I still don't get it, and here is why:

I have other WP installations where it’s is it’s in both browser and source code (the way I want it).

How come?

I compared three different WP sites, on two servers. Only this latest one does this. All the installations are WP 4.0 now.

Copy/paste from Notepad++ set to UTF-8 does not change anything. This happens even when I type.

P.S.
I'm not trying to show the coding, just plain text.

not2easy

5:35 pm on Nov 16, 2014 (gmt 0)

WebmasterWorld Administrator 10+ Year Member Top Contributors Of The Month



Are you pasting it into the visual editor or the html editor? Is the server's sql configured for UTF-8? You can't change that with WP config, it would need to be changed where the server settings are. If you go to PHPMyAdmin, it will show you how the sql tables are configured.

smallcompany

8:02 pm on Nov 16, 2014 (gmt 0)

WebmasterWorld Senior Member 10+ Year Member Top Contributors Of The Month



Are you pasting it into the visual editor or the html editor?

I tried both pasting and typing in. No difference.
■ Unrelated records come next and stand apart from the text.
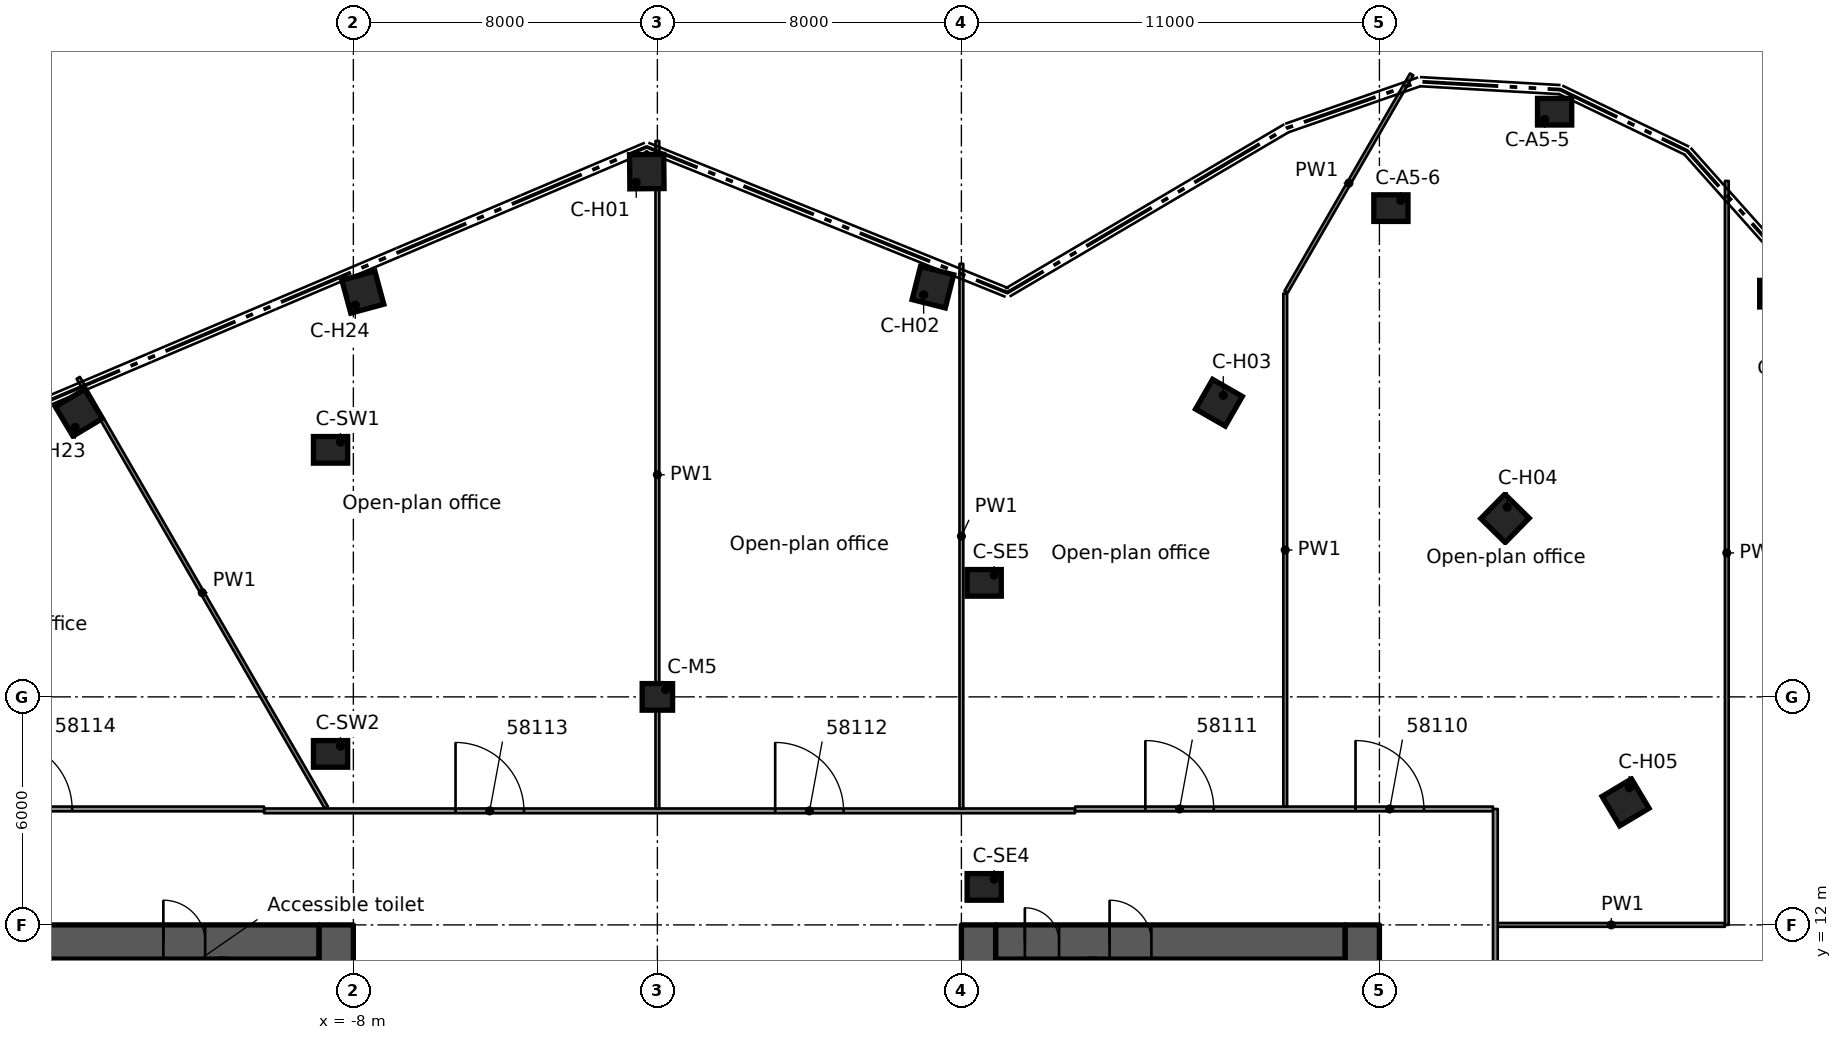
"""IFC4 building model, lengths in metres.
Left out: names, types, materials, properties, quantities, classifications, styles, units other than length and angle.
Written with IfcOpenShell. Run it as: python <this file> out.ifc"""

import sys

from ifc_helpers import new_model, si_unit, direction, frame, frame_2d, origin, origin_2d, place, context, subcontext, project, spatial, rectangle, extrude, element, fill, save


model = new_model("IFC4")
c1 = context("Model", 3, precision=1e-05, world=origin(), true_north=direction((0.0, 1.0)))
c2 = subcontext(c1, "Body", "Model", "MODEL_VIEW")
j1 = project(units=[si_unit("LENGTHUNIT", "METRE"), si_unit("PLANEANGLEUNIT", "RADIAN")], contexts=[c1])
p1 = place(None, origin())
s1 = spatial("IfcSite", under=j1, at=p1, CompositionType="ELEMENT")
p2 = place(p1, origin())
s2 = spatial("IfcBuilding", under=s1, at=p2, CompositionType="ELEMENT")
p3 = place(p2, frame((0.0, 0.0, 285.9)))
s3 = spatial("IfcBuildingStorey", under=s2, at=p3, CompositionType="ELEMENT", Elevation=285.9)
p4 = place(p3, frame((-18.1, 11.55, 0.0), z_axis=(0.0, 0.0, 1.0), x_axis=(1.0, 0.0, 0.0)))
e1 = element("IfcWall", 1, at=p4, inside=s3, PredefinedType="SHEAR", context=c2, shape_type="SweptSolid", body=[
    extrude(rectangle(XDim=9.2, YDim=0.9, at=frame_2d((4.6, 0.0))), origin(), (0.0, 0.0, 1.0), 3.5),
])
p5 = place(p4, frame((5.1, 0.0, 0.0)))
e2 = element("IfcOpeningElement", 2, at=p5, cuts=e1, PredefinedType="OPENING", context=c2, shape_type="SweptSolid", body=[
    extrude(rectangle(XDim=1.1, YDim=2.1, at=frame_2d((0.55, 1.05))), frame((0.0, 0.46, 0.0), z_axis=(0.0, -1.0, 0.0), x_axis=(1.0, 0.0, 0.0)), (0.0, 0.0, 1.0), 0.92),
])
p6 = place(p3, frame((-8.45, -12.0, 0.0), z_axis=(0.0, 0.0, 1.0), x_axis=(0.0, 1.0, 0.0)))
e3 = element("IfcWall", 3, at=p6, inside=s3, PredefinedType="SHEAR", context=c2, shape_type="SweptSolid", body=[
    extrude(rectangle(XDim=24.0, YDim=0.9, at=frame_2d((12.0, 0.0))), origin(), (0.0, 0.0, 1.0), 3.5),
])
p7 = place(p6, frame((9.6, 0.0, 0.0)))
e4 = element("IfcOpeningElement", 4, at=p7, cuts=e3, PredefinedType="OPENING", context=c2, shape_type="SweptSolid", body=[
    extrude(rectangle(XDim=1.8, YDim=2.1, at=frame_2d((0.9, 1.05))), frame((0.0, 0.46, 0.0), z_axis=(0.0, -1.0, 0.0), x_axis=(1.0, 0.0, 0.0)), (0.0, 0.0, 1.0), 0.92),
])
p8 = place(p6, frame((19.65, 0.0, 0.0)))
e5 = element("IfcOpeningElement", 5, at=p8, cuts=e3, PredefinedType="OPENING", context=c2, shape_type="SweptSolid", body=[
    extrude(rectangle(XDim=1.1, YDim=2.1, at=frame_2d((0.55, 1.05))), frame((0.0, 0.46, 0.0), z_axis=(0.0, -1.0, 0.0), x_axis=(1.0, 0.0, 0.0)), (0.0, 0.0, 1.0), 0.92),
])
p9 = place(p3, frame((8.9, 11.55, 0.0), z_axis=(0.0, 0.0, 1.0), x_axis=(1.0, 0.0, 0.0)))
e6 = element("IfcWall", 6, at=p9, inside=s3, PredefinedType="SHEAR", context=c2, shape_type="SweptSolid", body=[
    extrude(rectangle(XDim=9.2, YDim=0.9, at=frame_2d((4.6, 0.0))), origin(), (0.0, 0.0, 1.0), 3.5),
])
p10 = place(p9, frame((3.0, 0.0, 0.0)))
e7 = element("IfcOpeningElement", 7, at=p10, cuts=e6, PredefinedType="OPENING", context=c2, shape_type="SweptSolid", body=[
    extrude(rectangle(XDim=1.1, YDim=2.1, at=frame_2d((0.55, 1.05))), frame((0.0, 0.46, 0.0), z_axis=(0.0, -1.0, 0.0), x_axis=(1.0, 0.0, 0.0)), (0.0, 0.0, 1.0), 0.92),
])
p11 = place(p9, frame((0.77, 0.0, 0.0)))
e8 = element("IfcOpeningElement", 8, at=p11, cuts=e6, PredefinedType="OPENING", context=c2, shape_type="SweptSolid", body=[
    extrude(rectangle(XDim=0.9, YDim=2.1, at=frame_2d((0.45, 1.05))), frame((0.0, 0.46, 0.0), z_axis=(0.0, -1.0, 0.0), x_axis=(1.0, 0.0, 0.0)), (0.0, 0.0, 1.0), 0.92),
])
p12 = place(p3, frame((8.45, -12.0, 0.0), z_axis=(0.0, 0.0, 1.0), x_axis=(0.0, 1.0, 0.0)))
e9 = element("IfcWall", 9, at=p12, inside=s3, PredefinedType="SHEAR", context=c2, shape_type="SweptSolid", body=[
    extrude(rectangle(XDim=24.0, YDim=0.9, at=frame_2d((12.0, 0.0))), origin(), (0.0, 0.0, 1.0), 3.5),
])
p13 = place(p12, frame((12.6, 0.0, 0.0)))
e10 = element("IfcOpeningElement", 10, at=p13, cuts=e9, PredefinedType="OPENING", context=c2, shape_type="SweptSolid", body=[
    extrude(rectangle(XDim=1.8, YDim=2.1, at=frame_2d((0.9, 1.05))), frame((0.0, 0.46, 0.0), z_axis=(0.0, -1.0, 0.0), x_axis=(1.0, 0.0, 0.0)), (0.0, 0.0, 1.0), 0.92),
])
p14 = place(p12, frame((3.25, 0.0, 0.0)))
e11 = element("IfcOpeningElement", 11, at=p14, cuts=e9, PredefinedType="OPENING", context=c2, shape_type="SweptSolid", body=[
    extrude(rectangle(XDim=1.1, YDim=2.1, at=frame_2d((0.55, 1.05))), frame((0.0, 0.46, 0.0), z_axis=(0.0, -1.0, 0.0), x_axis=(1.0, 0.0, 0.0)), (0.0, 0.0, 1.0), 0.92),
])
p15 = place(p3, frame((18.55, -12.0, 0.0), z_axis=(0.0, 0.0, 1.0), x_axis=(0.0, 1.0, 0.0)))
e12 = element("IfcWall", 12, at=p15, inside=s3, PredefinedType="SHEAR", context=c2, shape_type="SweptSolid", body=[
    extrude(rectangle(XDim=24.0, YDim=0.9, at=frame_2d((12.0, 0.0))), origin(), (0.0, 0.0, 1.0), 3.5),
])
p16 = place(p15, frame((12.1, 0.0, 0.0)))
e13 = element("IfcOpeningElement", 13, at=p16, cuts=e12, PredefinedType="OPENING", context=c2, shape_type="SweptSolid", body=[
    extrude(rectangle(XDim=1.8, YDim=2.1, at=frame_2d((0.9, 1.05))), frame((0.0, 0.46, 0.0), z_axis=(0.0, -1.0, 0.0), x_axis=(1.0, 0.0, 0.0)), (0.0, 0.0, 1.0), 0.92),
])
for number, where, z_axis, x_axis in (
    (14, (29.456, 28.609, 0.0), (0.0, 0.0, 1.0), (1.0, 0.0, 0.0)),
    (15, (23.61, 33.397, 0.0), (0.0, 0.0, 1.0), (1.0, 0.0, 0.0)),
    (16, (19.302, 30.86, 0.0), (0.0, 0.0, 1.0), (1.0, 0.0, 0.0)),
):
    element("IfcColumn", number, at=place(p3, frame(where, z_axis=z_axis, x_axis=x_axis)), inside=s3, PredefinedType="COLUMN", context=c2, shape_type="SweptSolid", body=[
        extrude(rectangle(XDim=0.9, YDim=0.7, at=origin_2d()), origin(), (0.0, 0.0, 1.0), 3.5),
    ])
for number, where, z_axis, x_axis in (
    (17, (-0.278, 31.821, 0.0), (0.0, 0.0, 1.0), (-0.009, 1.0, 0.0)),
    (18, (7.25, 28.78, 0.0), (0.0, 0.0, 1.0), (0.244, 0.97, 0.0)),
    (19, (14.777, 25.739, 0.0), (0.0, 0.0, 1.0), (0.498, 0.867, 0.0)),
    (20, (22.305, 22.697, 0.0), (0.0, 0.0, 1.0), (0.701, 0.713, 0.0)),
    (21, (25.477, 15.224, 0.0), (0.0, 0.0, 1.0), (0.858, 0.513, 0.0)),
    (22, (-15.224, 25.477, 0.0), (0.0, 0.0, 1.0), (-0.513, 0.858, 0.0)),
    (23, (-7.751, 28.649, 0.0), (0.0, 0.0, 1.0), (-0.261, 0.965, 0.0)),
):
    element("IfcColumn", number, at=place(p3, frame(where, z_axis=z_axis, x_axis=x_axis)), inside=s3, PredefinedType="COLUMN", context=c2, shape_type="SweptSolid", body=[
        extrude(rectangle(XDim=0.9, YDim=0.9, at=origin_2d()), origin(), (0.0, 0.0, 1.0), 3.5),
    ])
p17 = place(p3, frame((0.0, 18.0, 0.0), z_axis=(0.0, 0.0, 1.0), x_axis=(1.0, 0.0, 0.0)))
e24 = element("IfcColumn", 24, at=p17, inside=s3, PredefinedType="COLUMN", context=c2, shape_type="SweptSolid", body=[
    extrude(rectangle(XDim=0.8, YDim=0.7, at=origin_2d()), origin(), (0.0, 0.0, 1.0), 3.5),
])
for number, where, z_axis, x_axis in (
    (25, (8.6, 13.0, 0.0), (0.0, 0.0, 1.0), (1.0, 0.0, 0.0)),
    (26, (8.6, 21.0, 0.0), (0.0, 0.0, 1.0), (1.0, 0.0, 0.0)),
    (27, (-8.6, 24.5, 0.0), (0.0, 0.0, 1.0), (1.0, 0.0, 0.0)),
    (28, (-8.6, 16.5, 0.0), (0.0, 0.0, 1.0), (1.0, 0.0, 0.0)),
):
    element("IfcColumn", number, at=place(p3, frame(where, z_axis=z_axis, x_axis=x_axis)), inside=s3, PredefinedType="COLUMN", context=c2, shape_type="SweptSolid", body=[
        extrude(rectangle(XDim=0.9, YDim=0.7, at=origin_2d()), origin(), (0.0, 0.0, 1.0), 3.5),
    ])
p18 = place(p3, frame((-11.44, 6.975, 0.0), z_axis=(0.0, 0.0, 1.0), x_axis=(0.0, 1.0, 0.0)))
e29 = element("IfcWall", 29, at=p18, inside=s3, PredefinedType="SOLIDWALL", context=c2, shape_type="SweptSolid", body=[
    extrude(rectangle(XDim=4.125, YDim=0.2, at=frame_2d((2.062, 0.0))), origin(), (0.0, 0.0, 1.0), 3.09),
])
p19 = place(p18, frame((2.1, 0.0, 0.0)))
e30 = element("IfcOpeningElement", 30, at=p19, cuts=e29, PredefinedType="OPENING", context=c2, shape_type="SweptSolid", body=[
    extrude(rectangle(XDim=1.1, YDim=2.1, at=frame_2d((0.55, 1.05))), frame((0.0, 0.11, 0.0), z_axis=(0.0, -1.0, 0.0), x_axis=(1.0, 0.0, 0.0)), (0.0, 0.0, 1.0), 0.22),
])
p20 = place(p3, frame((11.44, 11.1, 0.0), z_axis=(0.0, 0.0, 1.0), x_axis=(0.0, -1.0, 0.0)))
e31 = element("IfcWall", 31, at=p20, inside=s3, PredefinedType="SOLIDWALL", context=c2, shape_type="SweptSolid", body=[
    extrude(rectangle(XDim=4.125, YDim=0.2, at=frame_2d((2.062, 0.0))), origin(), (0.0, 0.0, 1.0), 3.09),
])
p21 = place(p3, frame((-15.239, 26.395, 0.0), z_axis=(0.0, 0.0, 1.0), x_axis=(0.499938284347, -0.866061032401, 0.0)))
e32 = element("IfcWall", 32, at=p21, inside=s3, PredefinedType="PARTITIONING", context=c2, shape_type="SweptSolid", body=[
    extrude(rectangle(XDim=13.056, YDim=0.1, at=frame_2d((6.528, 0.0))), origin(), (0.0, 0.0, 1.0), 3.08),
])
p22 = place(p3, frame((22.113, 12.0, 0.0), z_axis=(0.0, 0.0, 1.0), x_axis=(1.0, 0.0, 0.0)))
e33 = element("IfcWall", 33, at=p22, inside=s3, PredefinedType="PARTITIONING", context=c2, shape_type="SweptSolid", body=[
    extrude(rectangle(XDim=5.978, YDim=0.1, at=frame_2d((2.989, 0.0))), origin(), (0.0, 0.0, 1.0), 3.08),
])
p23 = place(p3, frame((-10.349, 15.001, 0.0), z_axis=(0.0, 0.0, 1.0), x_axis=(1.0, 0.0, 0.0)))
e34 = element("IfcWall", 34, at=p23, inside=s3, PredefinedType="PARTITIONING", context=c2, shape_type="SweptSolid", body=[
    extrude(rectangle(XDim=21.339, YDim=0.125, at=frame_2d((10.669, 0.0))), origin(), (0.0, 0.0, 1.0), 3.08),
])
p24 = place(p23, frame((13.449, 0.0, 0.0)))
e35 = element("IfcOpeningElement", 35, at=p24, cuts=e34, PredefinedType="OPENING", context=c2, shape_type="SweptSolid", body=[
    extrude(rectangle(XDim=1.8, YDim=2.1, at=frame_2d((0.9, 1.05))), frame((0.0, 0.073, 0.0), z_axis=(0.0, -1.0, 0.0), x_axis=(1.0, 0.0, 0.0)), (0.0, 0.0, 1.0), 0.145),
])
p25 = place(p23, frame((5.038, 0.0, 0.0)))
e36 = element("IfcOpeningElement", 36, at=p25, cuts=e34, PredefinedType="OPENING", context=c2, shape_type="SweptSolid", body=[
    extrude(rectangle(XDim=1.8, YDim=2.1, at=frame_2d((0.9, 1.05))), frame((0.0, 0.073, 0.0), z_axis=(0.0, -1.0, 0.0), x_axis=(1.0, 0.0, 0.0)), (0.0, 0.0, 1.0), 0.145),
])
p26 = place(p3, frame((-21.988, 15.051, 0.0), z_axis=(0.0, 0.0, 1.0), x_axis=(1.0, 0.0, 0.0)))
e37 = element("IfcWall", 37, at=p26, inside=s3, PredefinedType="PARTITIONING", context=c2, shape_type="SweptSolid", body=[
    extrude(rectangle(XDim=11.638, YDim=0.125, at=frame_2d((5.819, 0.0))), origin(), (0.0, 0.0, 1.0), 3.08),
])
p27 = place(p26, frame((4.788, 0.0, 0.0)))
e38 = element("IfcOpeningElement", 38, at=p27, cuts=e37, PredefinedType="OPENING", context=c2, shape_type="SweptSolid", body=[
    extrude(rectangle(XDim=1.8, YDim=2.1, at=frame_2d((0.9, 1.05))), frame((0.0, 0.073, 0.0), z_axis=(0.0, -1.0, 0.0), x_axis=(1.0, 0.0, 0.0)), (0.0, 0.0, 1.0), 0.145),
])
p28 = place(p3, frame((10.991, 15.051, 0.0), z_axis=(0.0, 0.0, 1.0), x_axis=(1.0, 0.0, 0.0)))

Is the server's sql configured for UTF-8?

utf8_general_ci

lucy24

9:47 pm on Nov 16, 2014 (gmt 0)

WebmasterWorld Senior Member 10+ Year Member Top Contributors Of The Month



You know how when you were young, people would enrage you by saying "Growing up is the best revenge"? Rolling your own HTML will let you do anything you want, the way you want it ;) When you use a CMS, there's always a tradeoff.

smallcompany

10:15 pm on Nov 16, 2014 (gmt 0)

WebmasterWorld Senior Member 10+ Year Member Top Contributors Of The Month



Rolling your own HTML will let you do anything you want, the way you want it ;) When you use a CMS, there's always a tradeoff

Absolute true. I wanted to get a feeling how would it look like if I move an existing static HTML site into WP installation that is responsive/mobile friendly. I may continue with my test in order to learn things, but will do another development at my own as well.
The "shortcuts" in this CMS example usually take more of my time than if I just started from scratch.

Cheers and thanks

not2easy

10:31 pm on Nov 16, 2014 (gmt 0)

WebmasterWorld Administrator 10+ Year Member Top Contributors Of The Month



On the question about pasting in, what I was asking was about which interface (Visual or HTML) in the text editor. I don't know if typing vs. pasting makes a difference, but which interface can make a difference.

It looks like the sql settings are not the issue.